SPMB Depok 2026, Wali Kota Ancam Copot Kepala Sekolah yang Terima Siswa Titipan

Ilustrasi. Foto: Medcom.id.

SPMB Depok 2026, Wali Kota Ancam Copot Kepala Sekolah yang Terima Siswa Titipan

Kisar Rajaguguk • 22 June 2026 18:46

Depok: Wali Kota Depok Supian Suri melarang total praktik titip siswa pada Sistem Penerimaan Murid Baru (SPMB) tahun ajaran 2026-2027. Praktik ini dilarang keras untuk memastikan proses seleksi berjalan adil dan transparan melalui jalur resmi.

"Saya memperingatkan Kepala Sekolah (Kasek), Panitia dan Operator SPMB untuk tidak menerima titipan calon siswa dari pihak manapun, atas nama apapun, dan kepentingan apapun," tegas Supian Suri, di Balai Kota Depok, Jawa Barat, Senin, 22 Juni 2026.

Kasek, Panitia, dan Operator SPMB yang terbukti menerima calon siswa titipan atau melakukan praktik curang akan dijatuhi sanksi tegas, yakni pemecatan atau pencopotan jabatan. 

"Ultimatum ini berlaku untuk Kepala, Panitia dan Operator SD Negeri dan SMP Negeri yang membuka pendaftaran dan seleksi penerimaan murid baru tahun ajaran 2026-2027," ujar Supian.

Ia menegaskan bahwa praktik siswa titipan akan membuat sekolah swasta kekurangan murid. Supian mengatakan, secara fungsi, ijazah, dan lulusan dari sekolah negeri dan swasta adalah setara dan memiliki tujuan yang sama untuk mencerdaskan kehidupan bangsa.

"Sekolah swasta dan sekolah negeri sama-sama mengikuti standar kurikulum nasional yang ditetapkan oleh pemerintah.
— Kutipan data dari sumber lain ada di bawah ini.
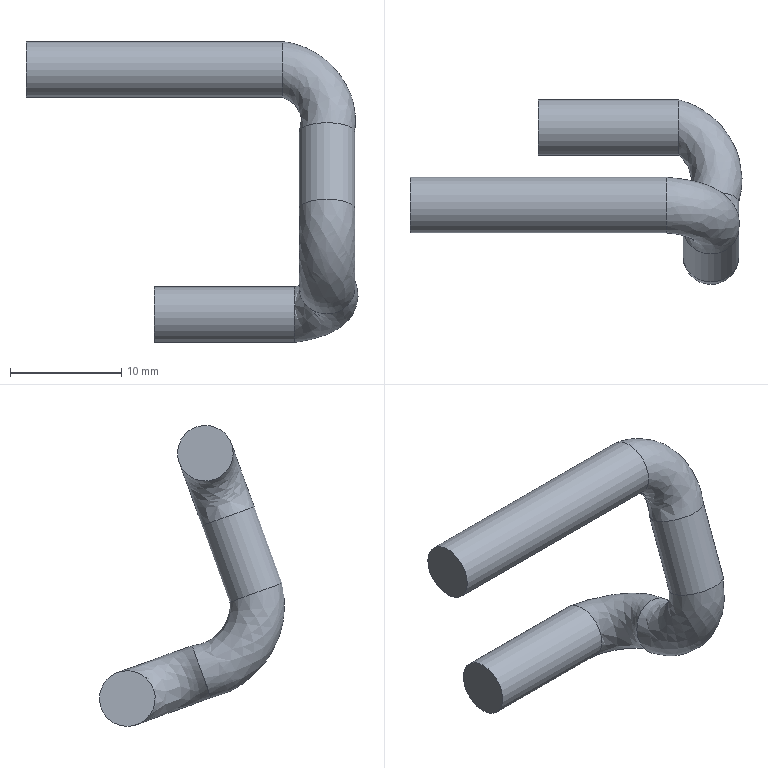Component | NX | HOSE | 2 solids | 10 faces | box 29.94 x 16.61 x 27 mm | volume 1335 mm3 | plane 4 | cylinder 3 | other 3 | commonest cylinder face diameters 5 x3
STEP:
#1=CARTESIAN_POINT('',(0.,0.,0.));
#2=DIRECTION('',(0.,0.,1.));
#3=DIRECTION('',(1.,0.,0.));
#4=AXIS2_PLACEMENT_3D('',#1,#2,#3);
#5=CARTESIAN_POINT('',(84.825,2.35,-26.852));
#6=VERTEX_POINT('',#5);
#7=CARTESIAN_POINT('',(84.825,0.,-26.));
#8=DIRECTION('',(1.,-0.,0.));
#9=DIRECTION('',(0.,0.9402,-0.3406));
#10=AXIS2_PLACEMENT_3D('',#7,#8,#9);
#11=CIRCLE('',#10,2.5);
#12=CARTESIAN_POINT('',(84.825,0.,-26.));
#13=DIRECTION('',(-1.,0.,0.));
#14=DIRECTION('',(0.,0.3406,0.9402));
#15=AXIS2_PLACEMENT_3D('',#12,#13,#14);
#16=CYLINDRICAL_SURFACE('',#15,2.5);
#17=CARTESIAN_POINT('',(7.854,0.));
#18=DIRECTION('',(-1.,0.));
#19=VECTOR('',#18,1.);
#20=LINE('',#17,#19);
#21=(GEOMETRIC_REPRESENTATION_CONTEXT(2)PARAMETRIC_REPRESENTATION_CONTEXT()REPRESENTATION_CONTEXT('',''));
#22=DEFINITIONAL_REPRESENTATION('',(#20),#21);
#23=PCURVE('',#16,#22);
#24=CARTESIAN_POINT('',(84.825,0.,-26.));
#25=DIRECTION('',(1.,-0.,0.));
#26=DIRECTION('',(0.,0.9402,-0.3406));
#27=AXIS2_PLACEMENT_3D('',#24,#25,#26);
#28=CIRCLE('',#27,2.5);
#29=CARTESIAN_POINT('',(82.75,-4.701,-24.297));
#30=DIRECTION('',(0.,-0.3406,-0.9402));
#31=AXIS1_PLACEMENT('',#29,#30);
#32=SURFACE_OF_REVOLUTION('',#28,#31);
#33=CARTESIAN_POINT('',(6.283,0.));
#34=DIRECTION('',(0.,1.));
#35=VECTOR('',#34,1.);
#36=LINE('',#33,#35);
#37=(GEOMETRIC_REPRESENTATION_CONTEXT(2)PARAMETRIC_REPRESENTATION_CONTEXT()REPRESENTATION_CONTEXT('',''));
#38=DEFINITIONAL_REPRESENTATION('',(#36),#37);
#39=PCURVE('',#32,#38);
#40=SURFACE_CURVE('',#11,(#23,#39),.PCURVE_S1.);
#41=EDGE_CURVE('',#6,#6,#40,.T.);
#42=ORIENTED_EDGE('',*,*,#41,.F.);
#43=CARTESIAN_POINT('',(72.25,2.35,-26.852));
#44=VERTEX_POINT('',#43);
#45=CARTESIAN_POINT('',(84.825,2.35,-26.852));
#46=CARTESIAN_POINT('',(72.25,2.35,-26.852));
#47=B_SPLINE_CURVE_WITH_KNOTS('',1,(#45,#46),.UNSPECIFIED.,.F.,.F.,(2,2),(0.,12.575),.PIECEWISE_BEZIER_KNOTS.);
#48=CARTESIAN_POINT('',(7.854,0.));
#49=DIRECTION('',(0.,1.));
#50=VECTOR('',#49,1.);
#51=LINE('',#48,#50);
#52=(GEOMETRIC_REPRESENTATION_CONTEXT(2)PARAMETRIC_REPRESENTATION_CONTEXT()REPRESENTATION_CONTEXT('',''));
#53=DEFINITIONAL_REPRESENTATION('',(#51),#52);
#54=PCURVE('',#16,#53);
#55=CARTESIAN_POINT('',(1.571,0.));
#56=DIRECTION('',(0.,1.));
#57=VECTOR('',#56,1.);
#58=LINE('',#55,#57);
#59=(GEOMETRIC_REPRESENTATION_CONTEXT(2)PARAMETRIC_REPRESENTATION_CONTEXT()REPRESENTATION_CONTEXT('',''));
#60=DEFINITIONAL_REPRESENTATION('',(#58),#59);
#61=PCURVE('',#16,#60);
#62=SEAM_CURVE('',#47,(#54,#61),.PCURVE_S1.);
#63=EDGE_CURVE('',#6,#44,#62,.T.);
#64=ORIENTED_EDGE('',*,*,#63,.T.);
#65=CARTESIAN_POINT('',(72.25,0.,-26.));
#66=DIRECTION('',(1.,-0.,0.));
#67=DIRECTION('',(0.,0.9402,-0.3406));
#68=AXIS2_PLACEMENT_3D('',#65,#66,#67);
#69=CIRCLE('',#68,2.5);
#70=CARTESIAN_POINT('',(7.854,12.575));
#71=DIRECTION('',(-1.,0.));
#72=VECTOR('',#71,1.);
#73=LINE('',#70,#72);
#74=(GEOMETRIC_REPRESENTATION_CONTEXT(2)PARAMETRIC_REPRESENTATION_CONTEXT()REPRESENTATION_CONTEXT('',''));
#75=DEFINITIONAL_REPRESENTATION('',(#73),#74);
#76=PCURVE('',#16,#75);
#77=CARTESIAN_POINT('',(72.25,0.,-26.));
#78=DIRECTION('',(1.,-0.,0.));
#79=DIRECTION('',(0.,-0.3406,-0.9402));
#80=AXIS2_PLACEMENT_3D('',#77,#78,#79);
#81=PLANE('',#80);
#82=CARTESIAN_POINT('',(0.,0.));
#83=DIRECTION('',(0.,1.));
#84=AXIS2_PLACEMENT_2D('',#82,#83);
#85=CIRCLE('',#84,2.5);
#86=(GEOMETRIC_REPRESENTATION_CONTEXT(2)PARAMETRIC_REPRESENTATION_CONTEXT()REPRESENTATION_CONTEXT('',''));
#87=DEFINITIONAL_REPRESENTATION('',(#85),#86);
#88=PCURVE('',#81,#87);
#89=SURFACE_CURVE('',#69,(#76,#88),.PCURVE_S1.);
#90=EDGE_CURVE('',#44,#44,#89,.T.);
#91=ORIENTED_EDGE('',*,*,#90,.T.);
#92=ORIENTED_EDGE('',*,*,#63,.F.);
#93=EDGE_LOOP('',(#42,#64,#91,#92));
#94=FACE_BOUND('',#93,.T.);
#95=ADVANCED_FACE('',(#94),#16,.T.);
#96=ORIENTED_EDGE('',*,*,#41,.F.);
#97=CARTESIAN_POINT('',(90.25,-6.652,-23.59));
#98=VERTEX_POINT('',#97);
#99=CARTESIAN_POINT('',(84.825,2.35,-26.852));
#100=CARTESIAN_POINT('',(86.83,1.829,-26.663));
#101=CARTESIAN_POINT('',(88.607,0.7215,-26.261));
#102=CARTESIAN_POINT('',(89.95,-0.8659,-25.686));
#103=CARTESIAN_POINT('',(90.708,-2.765,-24.998));
#104=CARTESIAN_POINT('',(90.805,-4.767,-24.273));
#105=CARTESIAN_POINT('',(90.25,-6.652,-23.59));
#106=(BOUNDED_CURVE()B_SPLINE_CURVE(6,(#99,#100,#101,#102,#103,#104,#105),.UNSPECIFIED.,.F.,.F.)B_SPLINE_CURVE_WITH_KNOTS((7,7),(0.,1.571),.PIECEWISE_BEZIER_KNOTS.)CURVE()GEOMETRIC_REPRESENTATION_ITEM()RATIONAL_B_SPLINE_CURVE((1.031,1.01,0.9979,0.994,0.9979,1.01,1.031))REPRESENTATION_ITEM(''));
#107=CARTESIAN_POINT('',(6.283,0.));
#108=DIRECTION('',(1.,0.));
#109=VECTOR('',#108,1.);
#110=LINE('',#107,#109);
#111=(GEOMETRIC_REPRESENTATION_CONTEXT(2)PARAMETRIC_REPRESENTATION_CONTEXT()REPRESENTATION_CONTEXT('',''));
#112=DEFINITIONAL_REPRESENTATION('',(#110),#111);
#113=PCURVE('',#32,#112);
#114=CARTESIAN_POINT('',(6.283,6.283));
#115=DIRECTION('',(1.,0.));
#116=VECTOR('',#115,1.);
#117=LINE('',#114,#116);
#118=(GEOMETRIC_REPRESENTATION_CONTEXT(2)PARAMETRIC_REPRESENTATION_CONTEXT()REPRESENTATION_CONTEXT('',''));
#119=DEFINITIONAL_REPRESENTATION('',(#117),#118);
#120=PCURVE('',#32,#119);
#121=SEAM_CURVE('',#106,(#113,#120),.PCURVE_S1.);
#122=EDGE_CURVE('',#6,#98,#121,.T.);
#123=ORIENTED_EDGE('',*,*,#122,.T.);
#124=CARTESIAN_POINT('',(87.75,-6.652,-23.59));
#125=DIRECTION('',(0.,-0.9402,0.3406));
#126=DIRECTION('',(1.,0.,0.));
#127=AXIS2_PLACEMENT_3D('',#124,#125,#126);
#128=CIRCLE('',#127,2.5);
#129=CARTESIAN_POINT('',(7.854,0.));
#130=DIRECTION('',(0.,1.));
#131=VECTOR('',#130,1.);
#132=LINE('',#129,#131);
#133=(GEOMETRIC_REPRESENTATION_CONTEXT(2)PARAMETRIC_REPRESENTATION_CONTEXT()REPRESENTATION_CONTEXT('',''));
#134=DEFINITIONAL_REPRESENTATION('',(#132),#133);
#135=PCURVE('',#32,#134);
#136=CARTESIAN_POINT('',(87.75,-6.652,-23.59));
#137=DIRECTION('',(0.,-0.9402,0.3406));
#138=DIRECTION('',(0.,-0.3406,-0.9402));
#139=AXIS2_PLACEMENT_3D('',#136,#137,#138);
#140=PLANE('',#139);
#141=CARTESIAN_POINT('',(0.,0.));
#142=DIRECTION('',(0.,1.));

Ijazahnya memiliki kedudukan yang sama untuk melanjutkan pendidikan ke jenjang yang lebih tinggi atau melamar pekerjaan, " jelas dia.

Ilustrasi. Medcom

Namun, sambung Supian, terdapat adanya  perbedaan nyata di antara keduanya seperti kepemilikan dan pendanaan. Sekolah negeri didanai dan dikelola langsung oleh pemerintah pusat atau daerah, sumbangan pembinaan pendidikan (SPP) sekolah negeri lebih terjangkau atau bahkan gratis berkat subsidi pemerintah.

Sedangkan sekolah swasta dikelola oleh individu atau yayasan masyarakat yang pemasukannya mengandalkan dana dari masyarakat. "Sekolah swasta umumnya memerlukan biaya pendaftaran dan SPP bulanan dari siswa," ucap dia.

Karena itu, kata dia, Pemkot Depok menggandeng yayasan dan sekolah swasta melalui program kolaborasi untuk menampung lulusan atau calon siswa baru yang tidak tertampung di sekolah negeri. Skema ini berupa pemberian subsidi  bagi siswa untuk bersekolah di swasta.

"Pemkot Depok 2026-2027  menggandeng 52  sekolah swasta untuk menampung puluhan ribu siswa yang tidak tertampung di sekolah negeri. Pemerintah menyiapkan bantuan sebesar Rp3 juta  juta per siswa setiap tahunnya untuk menutupi uang pangkal dan biaya bulanan, " ungkap dia.